# Deep-ocean inertial subrange small bandwidth coherence and   Ozmidov-frequency separation

**Authors:** Hans van Haren

arXiv: 1907.11063 · 2019-07-31

## TL;DR

This study investigates the inertial subrange in stratified ocean turbulence, revealing a separation near the Ozmidov frequency that distinguishes anisotropic from isotropic turbulence, based on high-resolution temperature sensor data.

## Contribution

It provides new observational evidence of the inertial subrange structure and its separation near the Ozmidov frequency in stratified ocean turbulence environments.

## Key findings

- Inertial subrange separates into two parts near the Ozmidov frequency.
- Transition from anisotropic to isotropic turbulence is observed.
- Differences in turbulence characteristics above seamounts and ridge-crest environments.

## Abstract

The inertial subrange of turbulence in a density stratified environment is the transition from internal waves to isotropic turbulence, but it is unclear how to interpret its extension to anisotropic stratified turbulence. Knowledge about stratified turbulence is relevant for the dispersal of suspended matter in geophysical flows, such as in most of the ocean. For studying internal-wave-induced ocean-turbulence moored high-resolution temperature (T-)sensors are used. Spectra from observations on episodic quasi-convective internal wave breaking above a steep slope of large seamount Josephine in the Northeast-Atlantic demonstrate an inertial subrange that can be separated in two parts: A large-scale part with relatively coherent portions adjacent to less coherent portions, and a small-scale part that is smoothly continuous (to within standard error).

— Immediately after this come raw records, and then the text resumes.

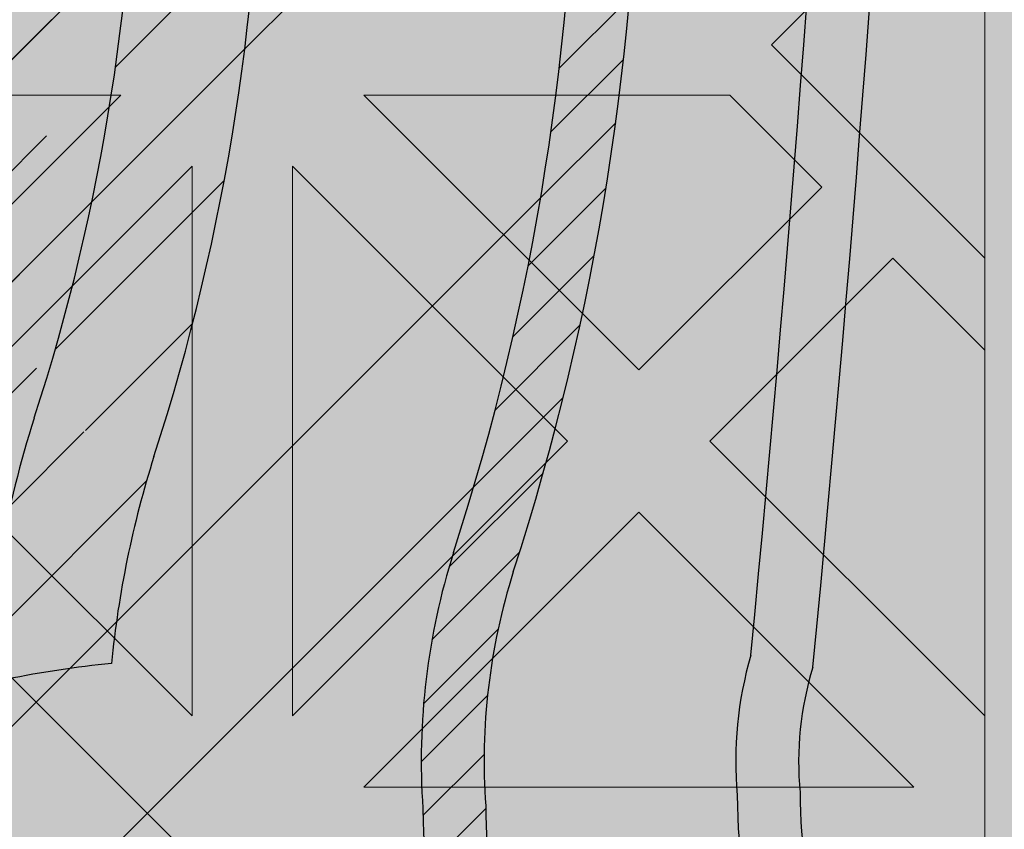
# Model space of a CAD drawing. Units: inches. Extents: x 844 to 2234, y 346 to 1084.
# Tile 54 of 93: x 1871.357 to 1873.853, y 694.275 to 696.327. Entities that reach past the tile are written whole.
import ezdxf

# ---------------------------------------------------------------- set-up
doc = ezdxf.new("R2010")
doc.units = ezdxf.units.IN
doc.header["$MEASUREMENT"] = 0
doc.layers.add('furniture', color=8, linetype='Continuous', lineweight=18)
doc.layers.add('RA-AP-01$0$INT', color=35, linetype='Continuous', lineweight=5)
doc.layers.add('RA-AP-01$0$FURN', color=3, linetype='Continuous')
doc.layers.add('RA-AP-01$0$WOOD', color=64, linetype='Continuous')

# ---------------------------------------------------------------- blocks, each defined once
blk = doc.blocks.new('A$C18D01794')
at = {"layer": 'RA-AP-01$0$INT'}
blk.add_hatch(color=256, dxfattribs=at).paths.add_polyline_path([(4.505206456958071, -6.306712009588038), (5.305206456958072, -6.306712009588038), (5.305206456958072, -7.106712009588038), (5.255206456951893, -7.10671200958804), (5.25520645694868, -6.356712009605972), (4.555206456959269, -6.356712009587461), (4.555206456956052, -7.106712009588038), (4.505206456958073, -7.106712009588038)])
h = blk.add_hatch(color=256, dxfattribs=at)
h.paths.add_polyline_path([(4.585917135068449, -6.356712009588271), (4.555206456959269, -6.35671200958746), (4.555206456959137, -6.387422687716308), (4.874495778835233, -6.706712009592356), (4.90520645695423, -6.676001331474049)])
h.paths.add_polyline_path([(5.255206456948813, -6.387422687716306), (5.255206456948682, -6.356712009605972), (5.224495778822613, -6.356712009605161), (4.905206456953498, -6.676001331474273), (4.935917135072151, -6.706712009592924)])
h.paths.add_polyline_path([(4.935917135072559, -6.706712009592068), (4.905206456953564, -6.737422687710376), (5.255206456951813, -7.087422687708613), (5.255206456951549, -7.026001331471008)])
h.paths.add_polyline_path([(4.555206456956399, -7.026001331471013), (4.555206456956134, -7.087422687708616), (4.905206456953821, -6.737422687710943), (4.874495778835166, -6.70671200959229)])
h = blk.add_hatch(color=256, dxfattribs=at)
h.paths.add_polyline_path([(4.585917135068448, -6.356712009588273), (4.614201406330596, -6.356712009589021), (4.668846067270487, -6.411356670531338), (4.723490728212344, -6.356712009591912), (4.771774999457151, -6.35671200959319), (4.826419660396886, -6.411356670535356), (4.862780050090322, -6.374996280843536), (4.844495778842715, -6.356712009595112), (4.862780050090411, -6.356712009595595), (4.905206456960182, -6.399138416468211), (4.947632863832445, -6.356712009597838), (4.965917135079675, -6.356712009598322), (4.947632863831759, -6.374996280845421), (4.983993253523576, -6.411356670538857), (5.038637914464627, -6.356712009600247), (5.08692218571208, -6.356712009601523), (5.141566846649976, -6.411356670541852), (5.196211507589851, -6.356712009604411), (5.224495778822615, -6.356712009605161), (4.905206456953975, -6.676001331473793)])
h.paths.add_polyline_path([(4.895206456956031, -6.637717060225675), (4.895206456958921, -6.528427738347902), (4.840561796018589, -6.583072399285802)], flags=16)
h.paths.add_polyline_path([(4.915206456955638, -6.637717060226121), (4.969851117895509, -6.583072399288678), (4.915206456957609, -6.528427738348344)], flags=16)
h.paths.add_polyline_path([(4.826419660395175, -6.568930263661755), (4.881064321335613, -6.514285602723745), (4.771774999456703, -6.514285602720857)], flags=16)
h.paths.add_polyline_path([(4.983993253519558, -6.568930263665262), (5.038637914460456, -6.514285602726792), (4.929348592581548, -6.514285602724816)], flags=16)
h.paths.add_polyline_path([(4.881064321336025, -6.494285602723742), (4.826419660397532, -6.439640941782821), (4.771774999457062, -6.494285602720859)], flags=16)
h.paths.add_polyline_path([(4.929348592582019, -6.494285602724817), (5.038637914460982, -6.494285602726792), (4.983993253522945, -6.439640941786327)], flags=16)
h.paths.add_polyline_path([(4.895206456960191, -6.480143467100443), (4.895206456962115, -6.407422687715913), (4.876922185715016, -6.389138416467584), (4.840561796021581, -6.425498806159401)], flags=16)
h.paths.add_polyline_path([(4.915206456958487, -6.480143467100889), (4.969851117899527, -6.425498806162279), (4.933490728206909, -6.389138416468043), (4.9152064569598, -6.40742268771434)], flags=16)
h.paths.add_polyline_path([(4.757632863832376, -6.480143467096812), (4.812277524772842, -6.425498806158772), (4.757632863834348, -6.370854145217844)], flags=16)
h.paths.add_polyline_path([(4.737632863832376, -6.480143467096286), (4.737632863834348, -6.370854145217375), (4.682988202893906, -6.425498806155385)], flags=16)
h.paths.add_polyline_path([(5.05278005008503, -6.480143467103376), (5.052780050087917, -6.370854145224413), (4.998135389146995, -6.425498806162908)], flags=16)
h.paths.add_polyline_path([(5.072780050085024, -6.480143467103744), (5.127424711025931, -6.42549880616527), (5.072780050087916, -6.370854145224832)], flags=16)
h.paths.add_polyline_path([(4.935917135072783, -6.706712009592292), (5.255206456948811, -6.387422687716309), (5.255206456948932, -6.415706958964177), (5.200561796010279, -6.470351619902839), (5.255206456949403, -6.524996280841948), (5.25520645694961, -6.5732805520894), (5.200561796009787, -6.627925213029239), (5.236922185702417, -6.664285602721864), (5.255206456949919, -6.646001331474357), (5.255206456949998, -6.664285602721898), (5.212780050078687, -6.706712009592262), (5.25520645695036, -6.749138416463932), (5.255206456950438, -6.767422687711313), (5.236922185702424, -6.749138416463297), (5.200561796009796, -6.785498806155928), (5.255206456950753, -6.840143467096874), (5.25520645695096, -6.888427738341682), (5.200561796010322, -6.943072399282328), (5.255206456951428, -6.997717060223427), (5.255206456951547, -7.026001331471006)])
h.paths.add_polyline_path([(5.042988202883395, -6.785498806155427), (5.097632863823085, -6.840143467095101), (5.097632863822622, -6.730854145216193)], flags=16)
h.paths.add_polyline_path([(5.028846067259663, -6.771356670531693), (5.083490728198774, -6.716712009592573), (4.974201406321001, -6.716712009593042)], flags=16)
h.paths.add_polyline_path([(5.117632863823087, -6.840143467095186), (5.172277524762331, -6.785498806155926), (5.11763286382262, -6.730854145216225)], flags=16)
h.paths.add_polyline_path([(5.08349072819877, -6.696712009593886), (5.028846067259652, -6.642067348654775), (4.974201406320998, -6.696712009593438)], flags=16)
h.paths.add_polyline_path([(5.131774999446817, -6.854285602718917), (5.186419660386065, -6.799640941779662), (5.241064321325782, -6.854285602719365)], flags=17)
h.paths.add_polyline_path([(5.131774999446228, -6.716712009592374), (5.186419660386065, -6.771356670532194), (5.222780050079488, -6.734996280838764), (5.204495778832781, -6.716712009592063)], flags=16)
h.paths.add_polyline_path([(5.097632863822613, -6.682569873970264), (5.097632863823061, -6.573280552091354), (5.042988202883383, -6.627925213031044)], flags=16)
h.paths.add_polyline_path([(5.131774999446899, -6.874285602718915), (5.241064321325809, -6.874285602719364), (5.186419660386591, -6.928930263658598)], flags=17)
h.paths.add_polyline_path([(5.131774999446226, -6.696712009594078), (5.204495778830767, -6.696712009594374), (5.22278005007868, -6.67842773834687), (5.186419660386049, -6.642067348654249)], flags=16)
h.paths.add_polyline_path([(5.11763286382262, -6.682569873970225), (5.17227752476232, -6.627925213030515), (5.117632863823064, -6.573280552091267)], flags=16)
h.paths.add_polyline_path([(5.186419660386069, -6.613783077405491), (5.241064321325754, -6.559138416465795), (5.131774999446791, -6.559138416466263)], flags=16)
h.paths.add_polyline_path([(5.131774999446872, -6.539138416466263), (5.24106432132578, -6.539138416465794), (5.186419660386554, -6.484493755526573)], flags=16)
h.paths.add_polyline_path([(5.255206456951811, -7.08742268770861), (5.255206456951895, -7.106712009588038), (4.555206456956052, -7.106712009588038), (4.555206456956136, -7.087422687708617), (4.905206456953973, -6.737422687710788)])
h.paths.add_polyline_path([(4.983993253513404, -6.8444937555241), (4.92934859257295, -6.899138416462108), (5.03863791445186, -6.899138416465014)], flags=16)
h.paths.add_polyline_path([(4.969851117889988, -6.83035161990006), (4.915206456952556, -6.775706958960171), (4.915206456949648, -6.884996280837944)], flags=16)
h.paths.add_polyline_path([(4.929348592572535, -6.919138416462105), (4.983993253511019, -6.973783077403037), (5.038637914451496, -6.919138416465012)], flags=16)
h.paths.add_polyline_path([(5.052780050074912, -6.93328055208906), (4.998135389134438, -6.987925213027088), (5.052780050072919, -7.042569873968025)], flags=16)
h.paths.add_polyline_path([(5.07278005007491, -6.933280552089588), (5.072780050072918, -7.042569873968497), (5.127424711013374, -6.987925213030498)], flags=16)
h.paths.add_polyline_path([(4.89520645695295, -6.775706958959721), (4.840561796013067, -6.830351619897157), (4.895206456950961, -6.884996280837494)], flags=16)
h.paths.add_polyline_path([(4.915206456948365, -6.933280552085403), (4.915206456946434, -7.006001331471951), (4.933490728192729, -7.024285602719066), (4.969851117886972, -6.987925213026453)], flags=16)
h.paths.add_polyline_path([(4.881064321327021, -6.899138416461022), (4.82641966038902, -6.84449375552057), (4.771774999448108, -6.899138416459029)], flags=16)
h.paths.add_polyline_path([(4.895206456950073, -6.933280552084951), (4.840561796009022, -6.987925213023558), (4.876922185700835, -7.024285602716997), (4.895206456948749, -7.006001331469487)], flags=16)
h.paths.add_polyline_path([(4.983993253510392, -7.0020673486505), (4.947632863816944, -7.038427738342319), (4.965917135064043, -7.05671200959023), (5.038637914448995, -7.056712009591555)], flags=16)
h.paths.add_polyline_path([(4.881064321326543, -6.91913841646102), (4.771774999447578, -6.919138416459031), (4.826419660385607, -6.973783077399508)], flags=16)
h.paths.add_polyline_path([(4.905206456946447, -7.014285602717636), (4.862780050074785, -7.056712009588352), (4.947632863816685, -7.056712009589775)], flags=16)
h.paths.add_polyline_path([(5.14156684663679, -7.002067348654549), (5.086922185696452, -7.056712009592438), (5.196211507574223, -7.056712009594425)], flags=16)
h.paths.add_polyline_path([(4.8264196603837, -7.002067348646972), (4.771774999442643, -7.056712009585575), (4.8444957788276, -7.056712009587508), (4.862780050075511, -7.038427738340416)], flags=16)
h.paths.add_polyline_path([(4.812277524760289, -6.98792521302292), (4.757632863822258, -6.933280552082447), (4.757632863819352, -7.042569873961408)], flags=16)
h.paths.add_polyline_path([(4.73763286382226, -6.933280552082079), (4.682988202881349, -6.987925213020536), (4.737632863819352, -7.04256987396099)], flags=16)
h.paths.add_polyline_path([(4.723490728195188, -7.056712009584289), (4.668846067257299, -7.002067348643949), (4.614201406317417, -7.056712009581383)], flags=16)
h.paths.add_polyline_path([(4.597632863829262, -6.706712009592262), (4.555206456957951, -6.664285602721896), (4.555206456958029, -6.646001331474357), (4.573490728205535, -6.664285602721864), (4.609851117898167, -6.627925213029238), (4.555206456958338, -6.573280552089402), (4.555206456958546, -6.524996280841952), (4.60985111789767, -6.470351619902839), (4.555206456959015, -6.415706958964177), (4.555206456959138, -6.387422687716309), (4.874495778835167, -6.70671200959229), (4.5552064569564, -7.026001331471015), (4.555206456956523, -6.997717060223433), (4.609851117897629, -6.94307239928233), (4.555206456956988, -6.888427738341681), (4.555206456957198, -6.840143467096881), (4.609851117898153, -6.78549880615593), (4.573490728205528, -6.749138416463297), (4.555206456957507, -6.76742268771132), (4.555206456957585, -6.749138416463933)])
h.paths.add_polyline_path([(4.712780050085332, -6.730854145216195), (4.712780050084863, -6.840143467095105), (4.767424711024555, -6.785498806155427)], flags=16)
h.paths.add_polyline_path([(4.726922185709173, -6.716712009592573), (4.781566846648288, -6.771356670531693), (4.836211507586949, -6.716712009593043)], flags=16)
h.paths.add_polyline_path([(4.692780050085327, -6.730854145216225), (4.638135389145619, -6.785498806155928), (4.692780050084865, -6.840143467095185)], flags=16)
h.paths.add_polyline_path([(4.726922185709182, -6.696712009593886), (4.836211507586949, -6.696712009593436), (4.7815668466483, -6.642067348654773)], flags=16)
h.paths.add_polyline_path([(4.678637914461726, -6.71671200959237), (4.605917135075169, -6.716712009592063), (4.587632863828464, -6.734996280838766), (4.623993253521887, -6.771356670532195)], flags=16)
h.paths.add_polyline_path([(4.712780050085336, -6.68256987397026), (4.767424711024568, -6.627925213031042), (4.71278005008489, -6.573280552091352)], flags=16)
h.paths.add_polyline_path([(4.678637914461726, -6.696712009594076), (4.623993253521899, -6.642067348654247), (4.587632863829271, -6.67842773834687), (4.605917135077185, -6.696712009594376)], flags=16)
h.paths.add_polyline_path([(4.692780050085336, -6.682569873970228), (4.692780050084889, -6.573280552091267), (4.638135389145632, -6.627925213030515)], flags=16)
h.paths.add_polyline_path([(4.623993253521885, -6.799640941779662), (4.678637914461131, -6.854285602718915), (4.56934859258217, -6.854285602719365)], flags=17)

The separation is close to the Ozmidov frequency, and coincides with the transition from anisotropic/quasi-deterministic stratified turbulence to isotropic/stochastic inertial convective motions as inferred from a comparison of vertical and horizontal co-spectra. These observations contrast with T-sensor observations of shear-dominated internal wave breaking in an equally turbulent environment above the slope of a small Mid-Atlantic ridge-crest, which demonstrate a stochastic inertial subrange throughout.